A convex mirror form an image of height 2.4cm, if the radius of covature of the mirror is 40cm.find the height,distance of the object from the front of the mirror
u=30 h=6
Well, well, well... let's put on our clown noses and solve this problem one laughter at a time!
So, we're dealing with a convex mirror with a radius of curvature of 40cm and an image height of 2.4cm. The question also asks us to find the height and distance of the object from the front of the mirror. Let's get those giggles rolling!
First things first, let's bust out a mirror joke:
Why did the mirror go to school?
Because it wanted to learn how to reflect on its life choices!
Now that we've got that out of our systems, let's get back to the problem. In a convex mirror, the image height is always negative (-2.4cm), so we can use the mirror formula:
1/f = 1/v - 1/u
where f is the focal length, v is the image distance, and u is the object distance. We already know the image height (h) and the focal length (f = R/2), so let's plug in those values and get cracking again!
Now, for another jocular interlude:
Why was the math book sad?
Because it had too many problems!
Okay, back to the task at hand. We can find the height of the object (H) using the magnification formula:
h/v = H/u
where H is the object height. Since we know h = -2.4cm and H is what we're looking for, we can rearrange the formula and solve for H.
But first, let's squeeze in one more clown pun, just for fun:
Why don't scientists trust atoms?
Because they make up everything!
Alright, let's wrap this up. Plug in the given values, solve for H, and chuckle your way to the answer. Remember, laughter is always the best solution!
I hope that helps, and as always, feel free to ask if you have any more questions (or if you just want to hear more clown jokes!).
To solve this problem, we can use the mirror formula for convex mirrors:
1/f = 1/v - 1/u
Where:
f = focal length of the mirror
v = image distance
u = object distance
Since the mirror is convex, the focal length is positive, given by f = R/2, where R is the radius of curvature.
Given:
Radius of curvature (R) = 40 cm
Image height (h') = 2.4 cm
Step 1: Find the focal length (f)
We know that f = R/2
f = 40 cm / 2 = 20 cm
Step 2: Find the object distance (u)
Using the mirror formula: 1/f = 1/v - 1/u
Since the object distance (u) is given, we can rearrange the formula to solve for the image distance (v).
1/v = 1/f + 1/u
1/v = 1/20 + 1/u
Step 3: Find the height (h) and distance of the object from the front of the mirror
To find the height (h) and distance of the object from the front of the mirror, we can use the magnification formula:
Magnification (m) = -v/u = h'/h
Given that the image height (h') is 2.4 cm, we can solve for the object height (h) using the magnification formula.
m = -v/u
m = -2.4/h
Since the object distance (u) is given, we can rearrange the formula to solve for the height (h).
h = -2.4/m
To find the distance of the object from the front of the mirror, we can use the formula:
Distance from mirror = object distance (u) - object height (h)

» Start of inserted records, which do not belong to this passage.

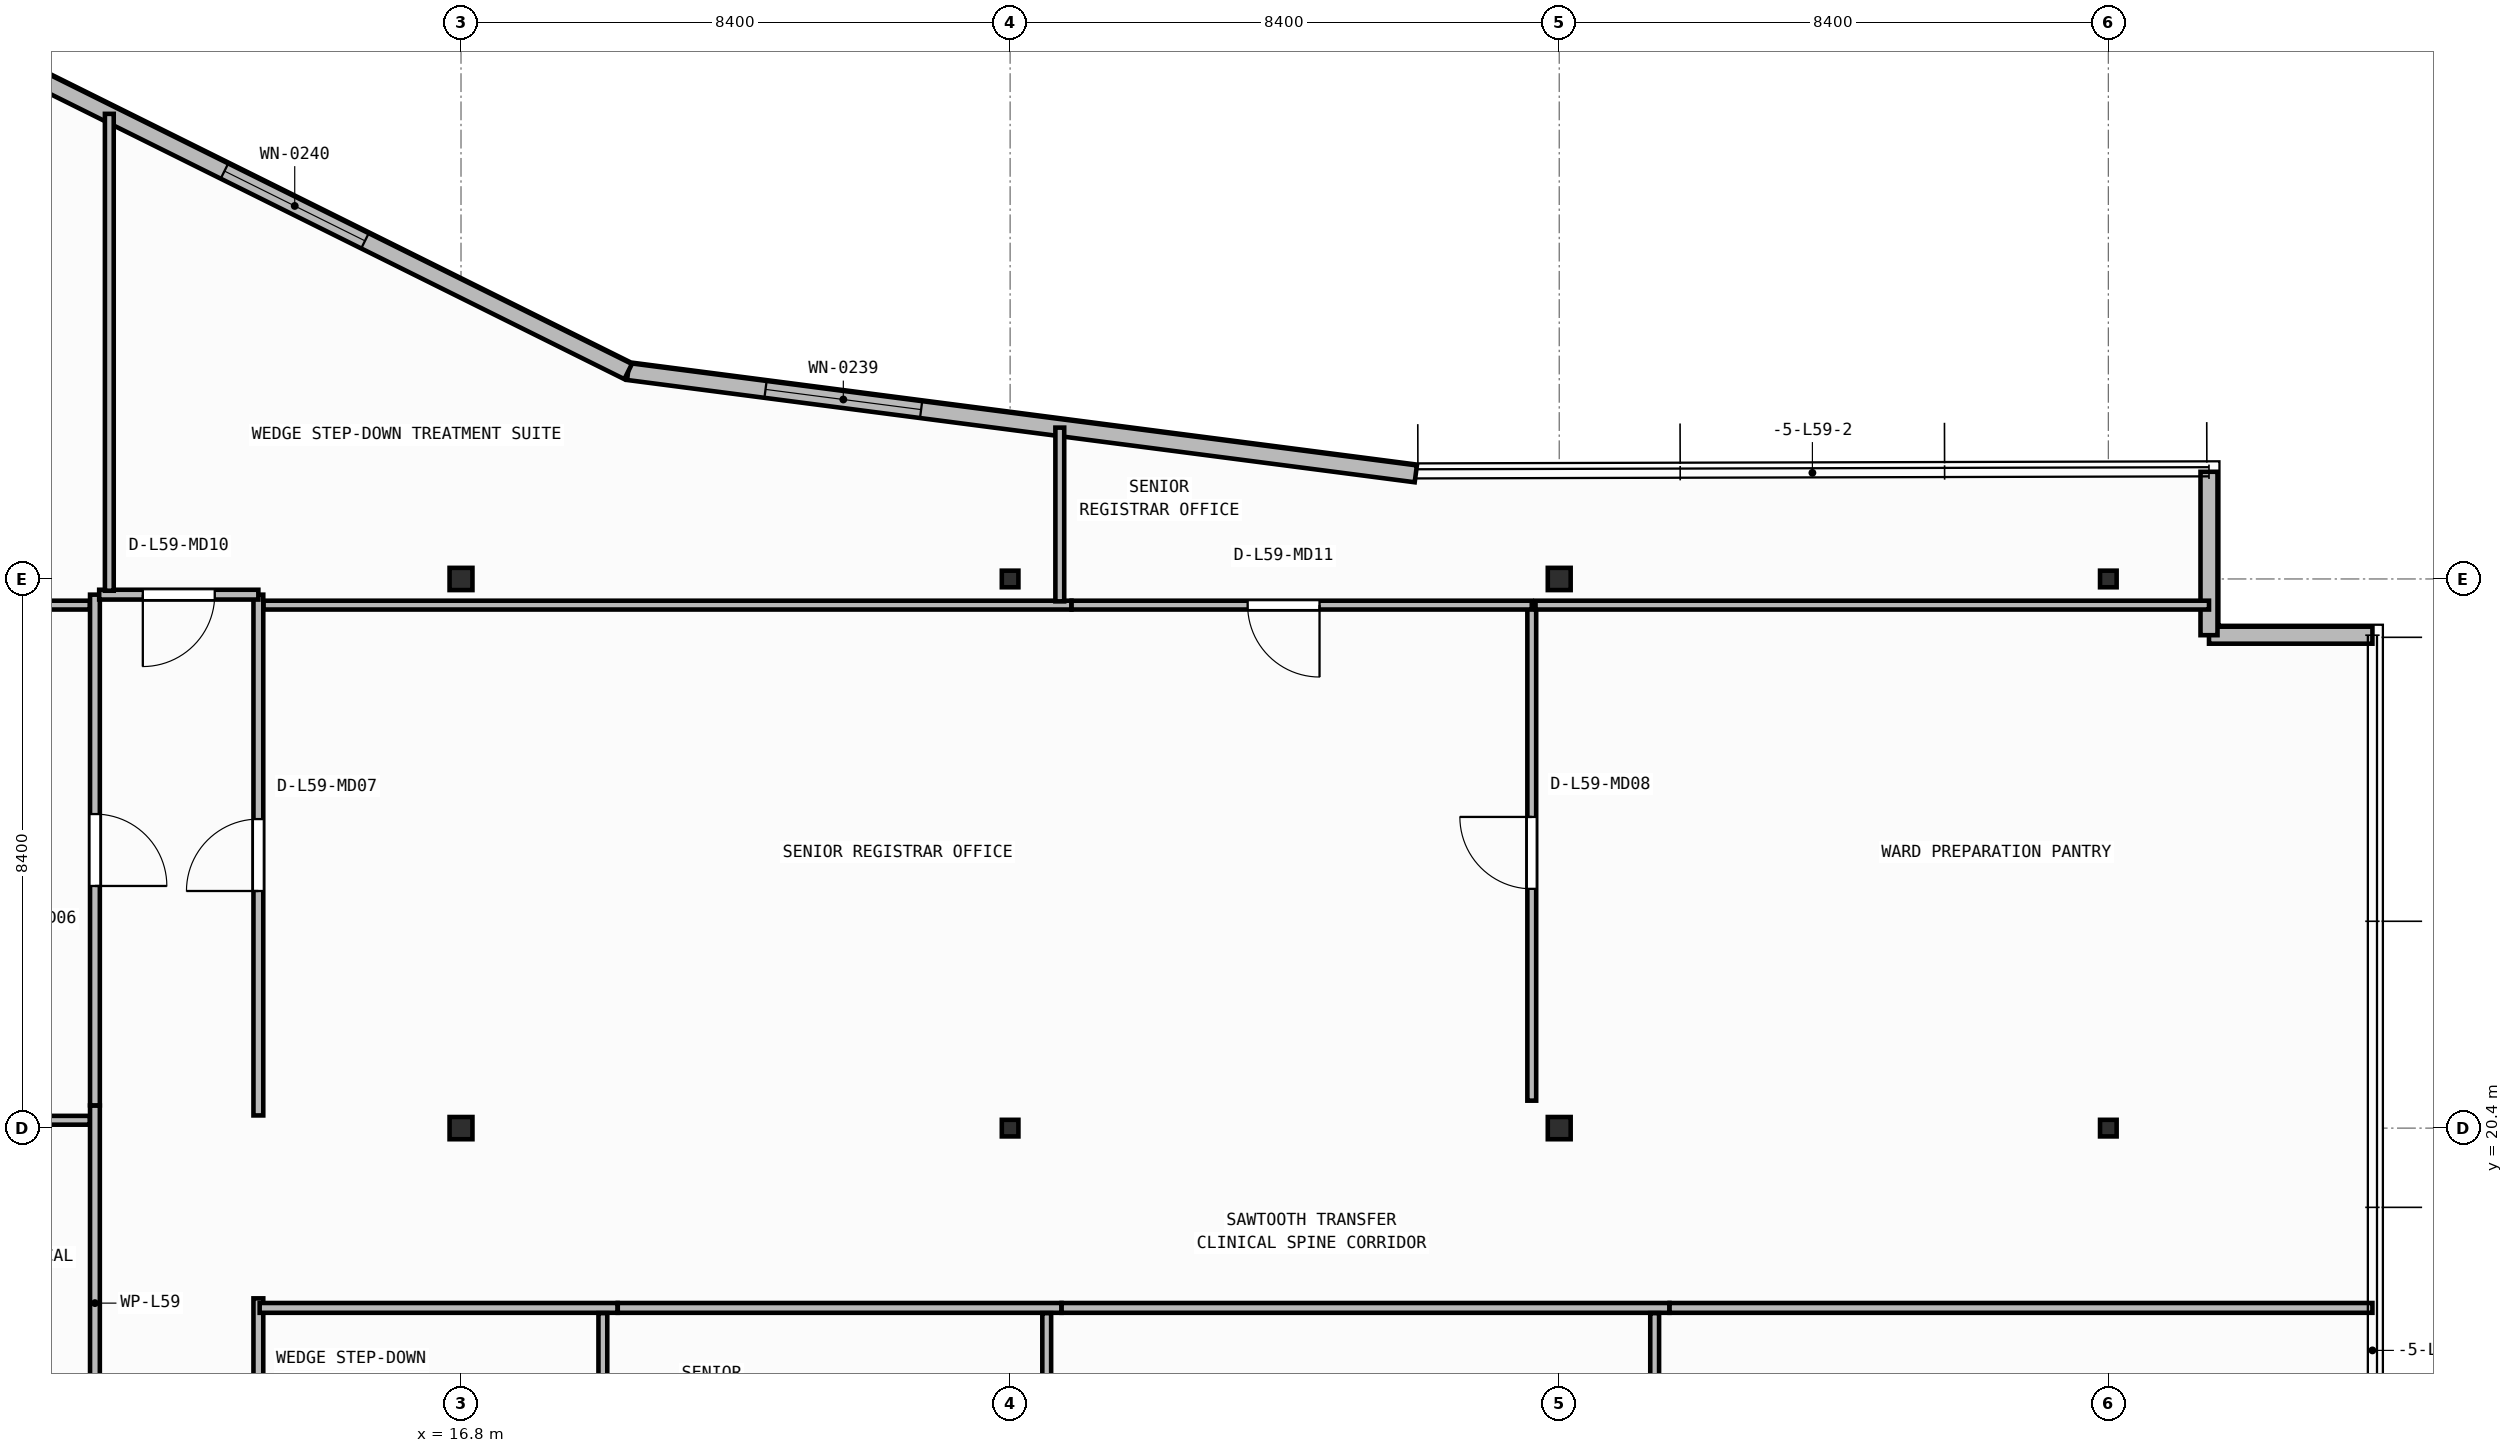
"""IFC4 building model, lengths in metres.
Left out: names, types, materials, properties, quantities, classifications, styles, units other than length and angle.
Written with IfcOpenShell. Run it as: python <this file> out.ifc"""

import sys

from ifc_helpers import new_model, si_unit, direction, frame, frame_2d, origin, origin_2d, place, context, subcontext, project, spatial, rectangle, i_section, extrude, element, fill, save


model = new_model("IFC4")
c1 = context("Model", 3, precision=1e-05, world=origin(), true_north=direction((0.0, 1.0)))
c2 = subcontext(c1, "Body", "Model", "MODEL_VIEW")
j1 = project(units=[si_unit("LENGTHUNIT", "METRE"), si_unit("PLANEANGLEUNIT", "RADIAN")], contexts=[c1])
p1 = place(None, origin())
s1 = spatial("IfcSite", under=j1, at=p1, CompositionType="ELEMENT")
p2 = place(p1, origin())
s2 = spatial("IfcBuilding", under=s1, at=p2, CompositionType="ELEMENT")
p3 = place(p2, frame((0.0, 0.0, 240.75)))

Substituting the variables into the formulas:
Using 1/v = 1/20 + 1/u:
1/v = 1/20 + 1/u
1/v = (u + 20)/(20u)
Using m = -v/u:
m = -v/u
-2.4/h = -v/u
Using h = -2.4/m:
h = -2.4/m
Using Distance from mirror = u - h:
Distance from mirror = u - h
By substituting the given values and solving the equations, you will find the height (h) and distance of the object from the front of the mirror.
To find the height and distance of the object from the convex mirror, we can use the mirror formula, which relates the object distance (u), image distance (v), and the focal length (f) of the mirror:
1/f = 1/v + 1/u
Given information:
Radius of curvature (R) = 40 cm
Height of the image (h') = 2.4 cm
Since it is a convex mirror, the focal length will be half the radius of curvature:
f = R/2 = 40/2 = 20 cm
Now, let's find the image distance (v):
1/f = 1/v + 1/u
Since the object is at infinity for a convex mirror, the object distance (u) is considered infinite. Therefore, 1/u becomes 0:
1/f = 1/v + 1/∞
Since 1/∞ is 0, we are left with:
1/f = 1/v
Applying the values:
1/20 = 1/v
Rearranging the equation to solve for v:
v = f = 20 cm
Now that we have the image distance, we can use the mirror magnification formula to find the height of the object (h):
h'/h = -v/u
Given that the height of the image (h') is 2.4 cm and the image distance (v) is 20 cm, we can rearrange the equation to solve for h:
h = -(h' * u) / v
Substituting the values:
h = -(2.4 * u) / 20
We still need the value of the object distance (u) in order to find the height. Unfortunately, the problem statement does not provide the object distance. If you have the object distance, we can substitute that value into the equation and solve for the height.